Zitat letztens von nem Kontrolleur: "Ja wir dürften die hier schießen, hat aber keiner Bock drauf" 
Da wusste ich echt nicht mehr in welchem Film ich gerade bin.


----------



## Dorschbremse (9. Mai 2022)

Ich glaub in Stenkelfeld würd der Förster mal eben mit der Hirschorgel dran lang gehen


----------



## rippi (9. Mai 2022)

Vincent_der_Falke schrieb:


> Zitat letztens von nem Kontrolleur: "Ja wir dürften die hier schießen, hat aber keiner Bock drauf"
> Da wusste ich echt nicht mehr in welchem Film ich gerade bin.


Ja dann nimm doch selbst die Gampam und baller drauf los?!


----------



## Vincent_der_Falke (9. Mai 2022)

rippi schrieb:


> Ja dann nimm doch selbst die Gampam und baller drauf los?!

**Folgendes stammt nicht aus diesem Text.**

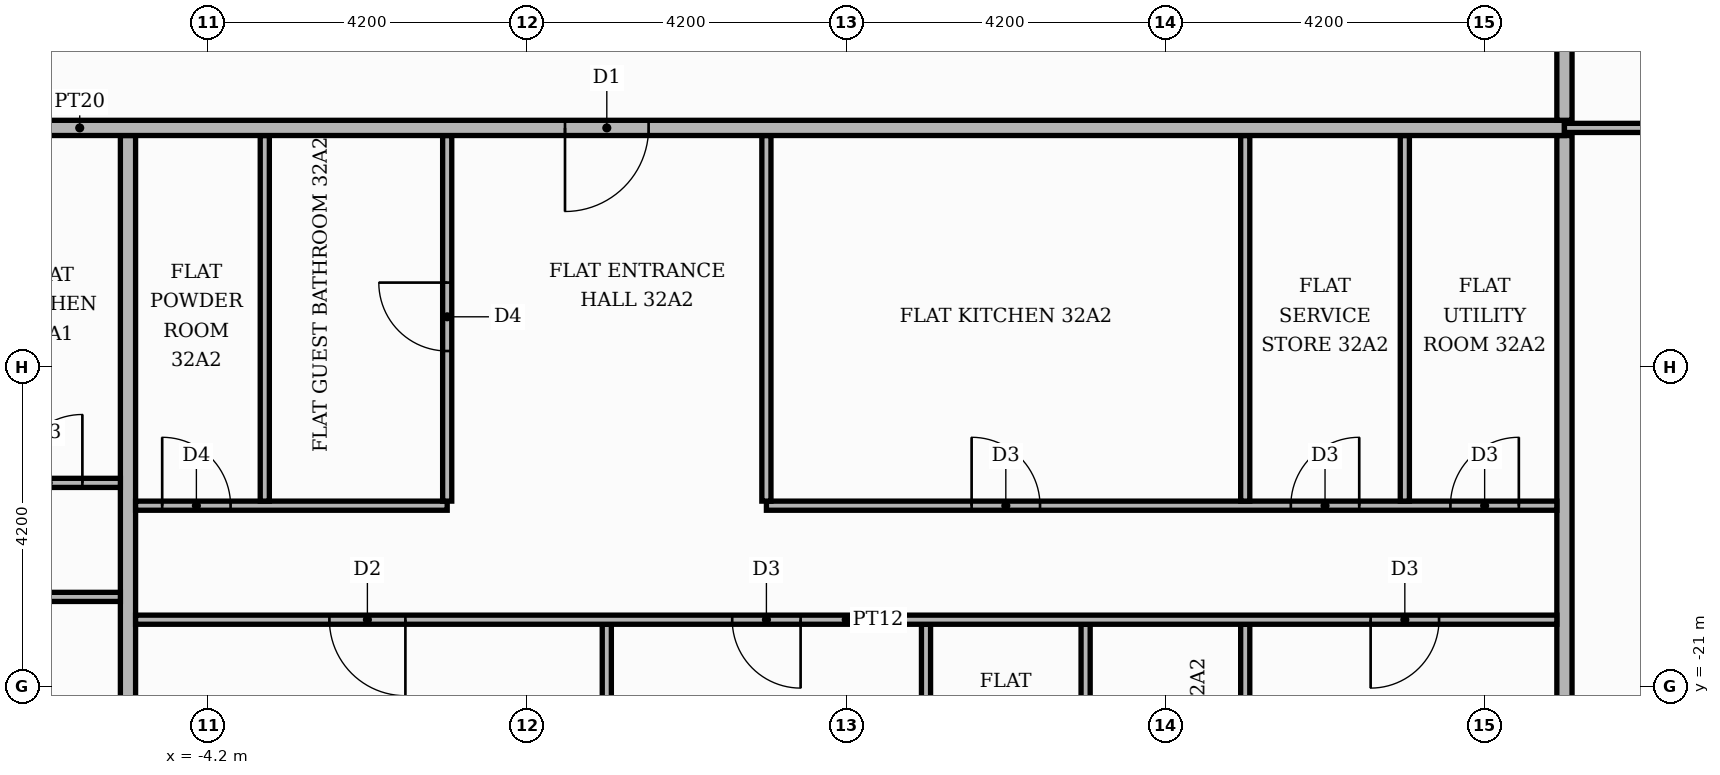
"""IFC4 building model, lengths in metres.
Left out: names, types, materials, properties, quantities, classifications, styles, units other than length and angle.
Written with IfcOpenShell. Run it as: python <this file> out.ifc"""

import sys

from ifc_helpers import new_model, si_unit, direction, frame, frame_2d, origin, place, context, subcontext, project, spatial, rectangle, extrude, element, fill, save


model = new_model("IFC4")
c1 = context("Model", 3, precision=1e-05, world=origin(), true_north=direction((0.0, 1.0)))
c2 = subcontext(c1, "Body", "Model", "MODEL_VIEW")
j1 = project(units=[si_unit("LENGTHUNIT", "METRE"), si_unit("PLANEANGLEUNIT", "RADIAN")], contexts=[c1])
p1 = place(None, origin())
s1 = spatial("IfcSite", under=j1, at=p1, CompositionType="ELEMENT")
p2 = place(p1, origin())
s2 = spatial("IfcBuilding", under=s1, at=p2, CompositionType="ELEMENT")
p3 = place(p2, frame((0.0, 0.0, 137.7)))
s3 = spatial("IfcBuildingStorey", under=s2, at=p3, CompositionType="ELEMENT", Elevation=137.7)
p4 = place(p3, frame((-5.25, -25.42, 0.0), z_axis=(0.0, 0.0, 1.0), x_axis=(0.0, 1.0, 0.0)))
e1 = element("IfcWall", 1, at=p4, inside=s3, PredefinedType="PARTITIONING", context=c2, shape_type="SweptSolid", body=[
    extrude(rectangle(XDim=11.67, YDim=0.2, at=frame_2d((5.835, 0.0))), origin(), (0.0, 0.0, 1.0), 3.48),
])
p5 = place(p3, frame((1.05, -25.42, 0.0), z_axis=(0.0, 0.0, 1.0), x_axis=(0.0, 1.0, 0.0)))
e2 = element("IfcWall", 2, at=p5, inside=s3, PredefinedType="PARTITIONING", context=c2, shape_type="SweptSolid", body=[
    extrude(rectangle(XDim=5.24, YDim=0.12, at=frame_2d((2.62, 0.0))), origin(), (0.0, 0.0, 1.0), 3.48),
])
p6 = place(p3, frame((5.25, -25.42, 0.0), z_axis=(0.0, 0.0, 1.0), x_axis=(0.0, 1.0, 0.0)))
e3 = element("IfcWall", 3, at=p6, inside=s3, PredefinedType="PARTITIONING", context=c2, shape_type="SweptSolid", body=[
    extrude(rectangle(XDim=5.24, YDim=0.12, at=frame_2d((2.62, 0.0))), origin(), (0.0, 0.0, 1.0), 3.48),
])
p7 = place(p6, frame((2.05, 0.0, 0.0)))
e4 = element("IfcOpeningElement", 4, at=p7, cuts=e3, PredefinedType="OPENING", context=c2, shape_type="SweptSolid", body=[
    extrude(rectangle(XDim=0.9, YDim=2.1, at=frame_2d((0.45, 1.05))), frame((0.0, 0.07, 0.0), z_axis=(0.0, -1.0, 0.0), x_axis=(1.0, 0.0, 0.0)), (0.0, 0.0, 1.0), 0.14),
])
p8 = place(p3, frame((7.35, -25.42, 0.0), z_axis=(0.0, 0.0, 1.0), x_axis=(0.0, 1.0, 0.0)))
e5 = element("IfcWall", 5, at=p8, inside=s3, PredefinedType="PARTITIONING", context=c2, shape_type="SweptSolid", body=[
    extrude(rectangle(XDim=5.24, YDim=0.12, at=frame_2d((2.62, 0.0))), origin(), (0.0, 0.0, 1.0), 3.48),
])
p9 = place(p8, frame((2.05, 0.0, 0.0)))
e6 = element("IfcOpeningElement", 6, at=p9, cuts=e5, PredefinedType="OPENING", context=c2, shape_type="SweptSolid", body=[
    extrude(rectangle(XDim=0.9, YDim=2.1, at=frame_2d((0.45, 1.05))), frame((0.0, 0.07, 0.0), z_axis=(0.0, -1.0, 0.0), x_axis=(1.0, 0.0, 0.0)), (0.0, 0.0, 1.0), 0.14),
])
p10 = place(p3, frame((9.45, -25.42, 0.0), z_axis=(0.0, 0.0, 1.0), x_axis=(0.0, 1.0, 0.0)))
e7 = element("IfcWall", 7, at=p10, inside=s3, PredefinedType="PARTITIONING", context=c2, shape_type="SweptSolid", body=[
    extrude(rectangle(XDim=5.24, YDim=0.12, at=frame_2d((2.62, 0.0))), origin(), (0.0, 0.0, 1.0), 3.48),
])
p11 = place(p3, frame((13.65, -25.42, 0.0), z_axis=(0.0, 0.0, 1.0), x_axis=(0.0, 1.0, 0.0)))
e8 = element("IfcWall", 8, at=p11, inside=s3, PredefinedType="PARTITIONING", context=c2, shape_type="SweptSolid", body=[
    extrude(rectangle(XDim=11.67, YDim=0.2, at=frame_2d((5.835, 0.0))), origin(), (0.0, 0.0, 1.0), 3.48),
])
p12 = place(p3, frame((-5.15, -20.12, 0.0), z_axis=(0.0, 0.0, 1.0), x_axis=(1.0, 0.0, 0.0)))
e9 = element("IfcWall", 9, at=p12, inside=s3, PredefinedType="PARTITIONING", context=c2, shape_type="SweptSolid", body=[
    extrude(rectangle(XDim=18.7, YDim=0.12, at=frame_2d((9.35, 0.0))), origin(), (0.0, 0.0, 1.0), 3.48),
])
p13 = place(p12, frame((2.55, 0.0, 0.0)))
e10 = element("IfcOpeningElement", 10, at=p13, cuts=e9, PredefinedType="OPENING", context=c2, shape_type="SweptSolid", body=[
    extrude(rectangle(XDim=1.0, YDim=2.1, at=frame_2d((0.5, 1.05))), frame((0.0, 0.07, 0.0), z_axis=(0.0, -1.0, 0.0), x_axis=(1.0, 0.0, 0.0)), (0.0, 0.0, 1.0), 0.14),
])
p14 = place(p12, frame((7.85, 0.0, 0.0)))
e11 = element("IfcOpeningElement", 11, at=p14, cuts=e9, PredefinedType="OPENING", context=c2, shape_type="SweptSolid", body=[
    extrude(rectangle(XDim=0.9, YDim=2.1, at=frame_2d((0.45, 1.05))), frame((0.0, 0.07, 0.0), z_axis=(0.0, -1.0, 0.0), x_axis=(1.0, 0.0, 0.0)), (0.0, 0.0, 1.0), 0.14),
])
p15 = place(p12, frame((16.25, 0.0, 0.0)))
e12 = element("IfcOpeningElement", 12, at=p15, cuts=e9, PredefinedType="OPENING", context=c2, shape_type="SweptSolid", body=[
    extrude(rectangle(XDim=0.9, YDim=2.1, at=frame_2d((0.45, 1.05))), frame((0.0, 0.07, 0.0), z_axis=(0.0, -1.0, 0.0), x_axis=(1.0, 0.0, 0.0)), (0.0, 0.0, 1.0), 0.14),
])
p16 = place(p3, frame((-17.5, -19.82, 0.0), z_axis=(0.0, 0.0, 1.0), x_axis=(1.0, 0.0, 0.0)))
e13 = element("IfcWall", 13, at=p16, inside=s3, PredefinedType="PARTITIONING", context=c2, shape_type="SweptSolid", body=[
    extrude(rectangle(XDim=12.15, YDim=0.12, at=frame_2d((6.075, 0.0))), origin(), (0.0, 0.0, 1.0), 3.48),
])
p17 = place(p16, frame((2.3, 0.0, 0.0)))
e14 = element("IfcOpeningElement", 14, at=p17, cuts=e13, PredefinedType="OPENING", context=c2, shape_type="SweptSolid", body=[
    extrude(rectangle(XDim=1.0, YDim=2.1, at=frame_2d((0.5, 1.05))), frame((0.0, 0.07, 0.0), z_axis=(0.0, -1.0, 0.0), x_axis=(1.0, 0.0, 0.0)), (0.0, 0.0, 1.0), 0.14),
])
p18 = place(p16, frame((5.5, 0.0, 0.0)))
e15 = element("IfcOpeningElement", 15, at=p18, cuts=e13, PredefinedType="OPENING", context=c2, shape_type="SweptSolid", body=[
    extrude(rectangle(XDim=0.9, YDim=2.1, at=frame_2d((0.45, 1.05))), frame((0.0, 0.07, 0.0), z_axis=(0.0, -1.0, 0.0), x_axis=(1.0, 0.0, 0.0)), (0.0, 0.0, 1.0), 0.14),
])
p19 = place(p3, frame((-5.15, -18.62, 0.0), z_axis=(0.0, 0.0, 1.0), x_axis=(1.0, 0.0, 0.0)))
e16 = element("IfcWall", 16, at=p19, inside=s3, PredefinedType="PARTITIONING", context=c2, shape_type="SweptSolid", body=[
    extrude(rectangle(XDim=4.1, YDim=0.12, at=frame_2d((2.05, 0.0))), origin(), (0.0, 0.0, 1.0), 3.48),
])
p20 = place(p19, frame((0.35, 0.0, 0.0)))
e17 = element("IfcOpeningElement", 17, at=p20, cuts=e16, PredefinedType="OPENING", context=c2, shape_type="SweptSolid", body=[
    extrude(rectangle(XDim=0.9, YDim=2.1, at=frame_2d((0.45, 1.05))), frame((0.0, 0.07, 0.0), z_axis=(0.0, -1.0, 0.0), x_axis=(1.0, 0.0, 0.0)), (0.0, 0.0, 1.0), 0.14),
])
p21 = place(p3, frame((3.15, -18.62, 0.0), z_axis=(0.0, 0.0, 1.0), x_axis=(1.0, 0.0, 0.0)))
e18 = element("IfcWall", 18, at=p21, inside=s3, PredefinedType="PARTITIONING", context=c2, shape_type="SweptSolid", body=[
    extrude(rectangle(XDim=10.4, YDim=0.12, at=frame_2d((5.2, 0.0))), origin(), (0.0, 0.0, 1.0), 3.48),
])
p22 = place(p21, frame((2.7, 0.0, 0.0)))
e19 = element("IfcOpeningElement", 19, at=p22, cuts=e18, PredefinedType="OPENING", context=c2, shape_type="SweptSolid", body=[
    extrude(rectangle(XDim=0.9, YDim=2.1, at=frame_2d((0.45, 1.05))), frame((0.0, 0.07, 0.0), z_axis=(0.0, -1.0, 0.0), x_axis=(1.0, 0.0, 0.0)), (0.0, 0.0, 1.0), 0.14),
])
p23 = place(p21, frame((6.9, 0.0, 0.0)))
e20 = element("IfcOpeningElement", 20, at=p23, cuts=e18, PredefinedType="OPENING", context=c2, shape_type="SweptSolid", body=[
    extrude(rectangle(XDim=0.9, YDim=2.1, at=frame_2d((0.45, 1.05))), frame((0.0, 0.07, 0.0), z_axis=(0.0, -1.0, 0.0), x_axis=(1.0, 0.0, 0.0)), (0.0, 0.0, 1.0), 0.14),
])
p24 = place(p21, frame((9.0, 0.0, 0.0)))
e21 = element("IfcOpeningElement", 21, at=p24, cuts=e18, PredefinedType="OPENING", context=c2, shape_type="SweptSolid", body=[
    extrude(rectangle(XDim=0.9, YDim=2.1, at=frame_2d((0.45, 1.05))), frame((0.0, 0.07, 0.0), z_axis=(0.0, -1.0, 0.0), x_axis=(1.0, 0.0, 0.0)), (0.0, 0.0, 1.0), 0.14),
])
p25 = place(p3, frame((-3.45, -18.56, 0.0), z_axis=(0.0, 0.0, 1.0), x_axis=(0.0, 1.0, 0.0)))
e22 = element("IfcWall", 22, at=p25, inside=s3, PredefinedType="PARTITIONING", context=c2, shape_type="SweptSolid", body=[
    extrude(rectangle(XDim=4.81, YDim=0.12, at=frame_2d((2.405, 0.0))), origin(), (0.0, 0.0, 1.0), 3.48),
])
p26 = place(p3, frame((-1.05, -18.56, 0.0), z_axis=(0.0, 0.0, 1.0), x_axis=(0.0, 1.0, 0.0)))
e23 = element("IfcWall", 23, at=p26, inside=s3, PredefinedType="PARTITIONING", context=c2, shape_type="SweptSolid", body=[
    extrude(rectangle(XDim=4.81, YDim=0.12, at=frame_2d((2.405, 0.0))), origin(), (0.0, 0.0, 1.0), 3.48),
])
p27 = place(p26, frame((1.975, 0.0, 0.0)))
e24 = element("IfcOpeningElement", 24, at=p27, cuts=e23, PredefinedType="OPENING", context=c2, shape_type="SweptSolid", body=[
    extrude(rectangle(XDim=0.9, YDim=2.1, at=frame_2d((0.45, 1.05))), frame((0.0, 0.07, 0.0), z_axis=(0.0, -1.0, 0.0), x_axis=(1.0, 0.0, 0.0)), (0.0, 0.0, 1.0), 0.14),
])
for number, where, z_axis, x_axis in (
    (25, (3.15, -18.56, 0.0), (0.0, 0.0, 1.0), (0.0, 1.0, 0.0)),
    (26, (9.45, -18.56, 0.0), (0.0, 0.0, 1.0), (0.0, 1.0, 0.0)),
    (27, (11.55, -18.56, 0.0), (0.0, 0.0, 1.0), (0.0, 1.0, 0.0)),
):
    element("IfcWall", number, at=place(p3, frame(where, z_axis=z_axis, x_axis=x_axis)), inside=s3, PredefinedType="PARTITIONING", context=c2, shape_type="SweptSolid", body=[
        extrude(rectangle(XDim=4.81, YDim=0.12, at=frame_2d((2.405, 0.0))), origin(), (0.0, 0.0, 1.0), 3.48),
    ])
p28 = place(p3, frame((-9.45, -18.32, 0.0), z_axis=(0.0, 0.0, 1.0), x_axis=(1.0, 0.0, 0.0)))
e28 = element("IfcWall", 28, at=p28, inside=s3, PredefinedType="PARTITIONING", context=c2, shape_type="SweptSolid", body=[
    extrude(rectangle(XDim=4.1, YDim=0.12, at=frame_2d((2.05, 0.0))), origin(), (0.0, 0.0, 1.0), 3.48),
])
p29 = place(p28, frame((2.7, 0.0, 0.0)))
e29 = element("IfcOpeningElement", 29, at=p29, cuts=e28, PredefinedType="OPENING", context=c2, shape_type="SweptSolid", body=[
    extrude(rectangle(XDim=0.9, YDim=2.1, at=frame_2d((0.45, 1.05))), frame((0.0, 0.07, 0.0), z_axis=(0.0, -1.0, 0.0), x_axis=(1.0, 0.0, 0.0)), (0.0, 0.0, 1.0), 0.14),
])
p30 = place(p3, frame((-25.42, -13.65, 0.0), z_axis=(0.0, 0.0, 1.0), x_axis=(1.0, 0.0, 0.0)))
e30 = element("IfcWall", 30, at=p30, inside=s3, PredefinedType="PARTITIONING", context=c2, shape_type="SweptSolid", body=[
    extrude(rectangle(XDim=39.07, YDim=0.2, at=frame_2d((19.535, 0.0))), origin(), (0.0, 0.0, 1.0), 3.48),
])
p31 = place(p30, frame((13.32, 0.0, 0.0)))
e31 = element("IfcOpeningElement", 31, at=p31, cuts=e30, PredefinedType="OPENING", context=c2, shape_type="SweptSolid", body=[
    extrude(rectangle(XDim=1.1, YDim=2.4, at=frame_2d((0.55, 1.2))), frame((0.0, 0.11, 0.0), z_axis=(0.0, -1.0, 0.0), x_axis=(1.0, 0.0, 0.0)), (0.0, 0.0, 1.0), 0.22),
])
p32 = place(p30, frame((25.92, 0.0, 0.0)))
e32 = element("IfcOpeningElement", 32, at=p32, cuts=e30, PredefinedType="OPENING", context=c2, shape_type="SweptSolid", body=[
    extrude(rectangle(XDim=1.1, YDim=2.4, at=frame_2d((0.55, 1.2))), frame((0.0, 0.11, 0.0), z_axis=(0.0, -1.0, 0.0), x_axis=(1.0, 0.0, 0.0)), (0.0, 0.0, 1.0), 0.22),
])
p33 = place(p3, frame((13.65, -13.65, 0.0), z_axis=(0.0, 0.0, 1.0), x_axis=(1.0, 0.0, 0.0)))
e33 = element("IfcWall", 33, at=p33, inside=s3, PredefinedType="PARTITIONING", context=c2, shape_type="SweptSolid", body=[
    extrude(rectangle(XDim=7.07, YDim=0.12, at=frame_2d((3.535, 0.0))), origin(), (0.0, 0.0, 1.0), 3.48),
])
p34 = place(p33, frame((3.085, 0.0, 0.0)))
e34 = element("IfcOpeningElement", 34, at=p34, cuts=e33, PredefinedType="OPENING", context=c2, shape_type="SweptSolid", body=[
    extrude(rectangle(XDim=0.9, YDim=2.1, at=frame_2d((0.45, 1.05))), frame((0.0, 0.07, 0.0), z_axis=(0.0, -1.0, 0.0), x_axis=(1.0, 0.0, 0.0)), (0.0, 0.0, 1.0), 0.14),
])
p35 = place(p3, frame((13.65, -13.55, 0.0), z_axis=(0.0, 0.0, 1.0), x_axis=(0.0, 1.0, 0.0)))
e35 = element("IfcWall", 35, at=p35, inside=s3, PredefinedType="PARTITIONING", context=c2, shape_type="SweptSolid", body=[
    extrude(rectangle(XDim=2.45, YDim=0.2, at=frame_2d((1.225, 0.0))), origin(), (0.0, 0.0, 1.0), 3.48),
])
p36 = place(p29, origin())
e36 = element("IfcDoor", 36, at=p36, inside=s3, OperationType="SINGLE_SWING_RIGHT", PredefinedType="DOOR", context=c2, shape_type="SweptSolid", body=[
    extrude(rectangle(XDim=0.9, YDim=2.1, at=frame_2d((0.45, 1.05))), frame((0.0, 0.025, 0.0), z_axis=(0.0, -1.0, 0.0), x_axis=(1.0, 0.0, 0.0)), (0.0, 0.0, 1.0), 0.05),
])
fill(e29, e36)
p37 = place(p32, frame((1.1, 0.0, 0.0), z_axis=(0.0, 0.0, 1.0), x_axis=(-1.0, 0.0, 0.0)))
e37 = element("IfcDoor", 37, at=p37, inside=s3, OperationType="SINGLE_SWING_LEFT", PredefinedType="DOOR", context=c2, shape_type="SweptSolid", body=[
    extrude(rectangle(XDim=1.1, YDim=2.4, at=frame_2d((0.55, 1.2))), frame((0.0, 0.025, 0.0), z_axis=(0.0, -1.0, 0.0), x_axis=(1.0, 0.0, 0.0)), (0.0, 0.0, 1.0), 0.05),
])
fill(e32, e37)
p38 = place(p20, origin())
e38 = element("IfcDoor", 38, at=p38, inside=s3, OperationType="SINGLE_SWING_LEFT", PredefinedType="DOOR", context=c2, shape_type="SweptSolid", body=[
    extrude(rectangle(XDim=0.9, YDim=2.1, at=frame_2d((0.45, 1.05))), frame((0.0, 0.025, 0.0), z_axis=(0.0, -1.0, 0.0), x_axis=(1.0, 0.0, 0.0)), (0.0, 0.0, 1.0), 0.05),
])
fill(e17, e38)
p39 = place(p27, origin())
e39 = element("IfcDoor", 39, at=p39, inside=s3, OperationType="SINGLE_SWING_RIGHT", PredefinedType="DOOR", context=c2, shape_type="SweptSolid", body=[
    extrude(rectangle(XDim=0.9, YDim=2.1, at=frame_2d((0.45, 1.05))), frame((0.0, 0.025, 0.0), z_axis=(0.0, -1.0, 0.0), x_axis=(1.0, 0.0, 0.0)), (0.0, 0.0, 1.0), 0.05),
])
fill(e24, e39)
p40 = place(p22, origin())
e40 = element("IfcDoor", 40, at=p40, inside=s3, OperationType="SINGLE_SWING_LEFT", PredefinedType="DOOR", context=c2, shape_type="SweptSolid", body=[
    extrude(rectangle(XDim=0.9, YDim=2.1, at=frame_2d((0.45, 1.05))), frame((0.0, 0.025, 0.0), z_axis=(0.0, -1.0, 0.0), x_axis=(1.0, 0.0, 0.0)), (0.0, 0.0, 1.0), 0.05),
])
fill(e19, e40)
p41 = place(p23, origin())
e41 = element("IfcDoor", 41, at=p41, inside=s3, OperationType="SINGLE_SWING_RIGHT", PredefinedType="DOOR", context=c2, shape_type="SweptSolid", body=[
    extrude(rectangle(XDim=0.9, YDim=2.1, at=frame_2d((0.45, 1.05))), frame((0.0, 0.025, 0.0), z_axis=(0.0, -1.0, 0.0), x_axis=(1.0, 0.0, 0.0)), (0.0, 0.0, 1.0), 0.05),
])
fill(e20, e41)
p42 = place(p24, origin())
e42 = element("IfcDoor", 42, at=p42, inside=s3, OperationType="SINGLE_SWING_RIGHT", PredefinedType="DOOR", context=c2, shape_type="SweptSolid", body=[
    extrude(rectangle(XDim=0.9, YDim=2.1, at=frame_2d((0.45, 1.05))), frame((0.0, 0.025, 0.0), z_axis=(0.0, -1.0, 0.0), x_axis=(1.0, 0.0, 0.0)), (0.0, 0.0, 1.0), 0.05),
])
fill(e21, e42)
p43 = place(p13, frame((1.0, 0.0, 0.0), z_axis=(0.0, 0.0, 1.0), x_axis=(-1.0, 0.0, 0.0)))
e43 = element("IfcDoor", 43, at=p43, inside=s3, OperationType="SINGLE_SWING_RIGHT", PredefinedType="DOOR", context=c2, shape_type="SweptSolid", body=[
    extrude(rectangle(XDim=1.0, YDim=2.1, at=frame_2d((0.5, 1.05))), frame((0.0, 0.025, 0.0), z_axis=(0.0, -1.0, 0.0), x_axis=(1.0, 0.0, 0.0)), (0.0, 0.0, 1.0), 0.05),
])
fill(e10, e43)
p44 = place(p14, frame((0.9, 0.0, 0.0), z_axis=(0.0, 0.0, 1.0), x_axis=(-1.0, 0.0, 0.0)))
e44 = element("IfcDoor", 44, at=p44, inside=s3, OperationType="SINGLE_SWING_RIGHT", PredefinedType="DOOR", context=c2, shape_type="SweptSolid", body=[
    extrude(rectangle(XDim=0.9, YDim=2.1, at=frame_2d((0.45, 1.05))), frame((0.0, 0.025, 0.0), z_axis=(0.0, -1.0, 0.0), x_axis=(1.0, 0.0, 0.0)), (0.0, 0.0, 1.0), 0.05),
])
fill(e11, e44)
p45 = place(p15, frame((0.9, 0.0, 0.0), z_axis=(0.0, 0.0, 1.0), x_axis=(-1.0, 0.0, 0.0)))
e45 = element("IfcDoor", 45, at=p45, inside=s3, OperationType="SINGLE_SWING_LEFT", PredefinedType="DOOR", context=c2, shape_type="SweptSolid", body=[
    extrude(rectangle(XDim=0.9, YDim=2.1, at=frame_2d((0.45, 1.05))), frame((0.0, 0.025, 0.0), z_axis=(0.0, -1.0, 0.0), x_axis=(1.0, 0.0, 0.0)), (0.0, 0.0, 1.0), 0.05),
])
fill(e12, e45)
save(model, sys.argv[1])

Wenn ich die Berechtigung dazu hätte, gerne


----------



## rippi (9. Mai 2022)

Vincent_der_Falke schrieb:


> Wenn ich die Berechtigung dazu hätte, gerne


Berechtigungen sind immer auch Einschränkungen.


----------



## Dorschbremse (9. Mai 2022)

Jepp... Das ist die Crux- wennste was hast, können dir andere wieder was wech nehmen.... Is wie beim Führerschein


----------



## Vincent_der_Falke (9. Mai 2022)

Macht absolut Sinn.


----------



## Der mit dem Fisch tanzt (9. Mai 2022)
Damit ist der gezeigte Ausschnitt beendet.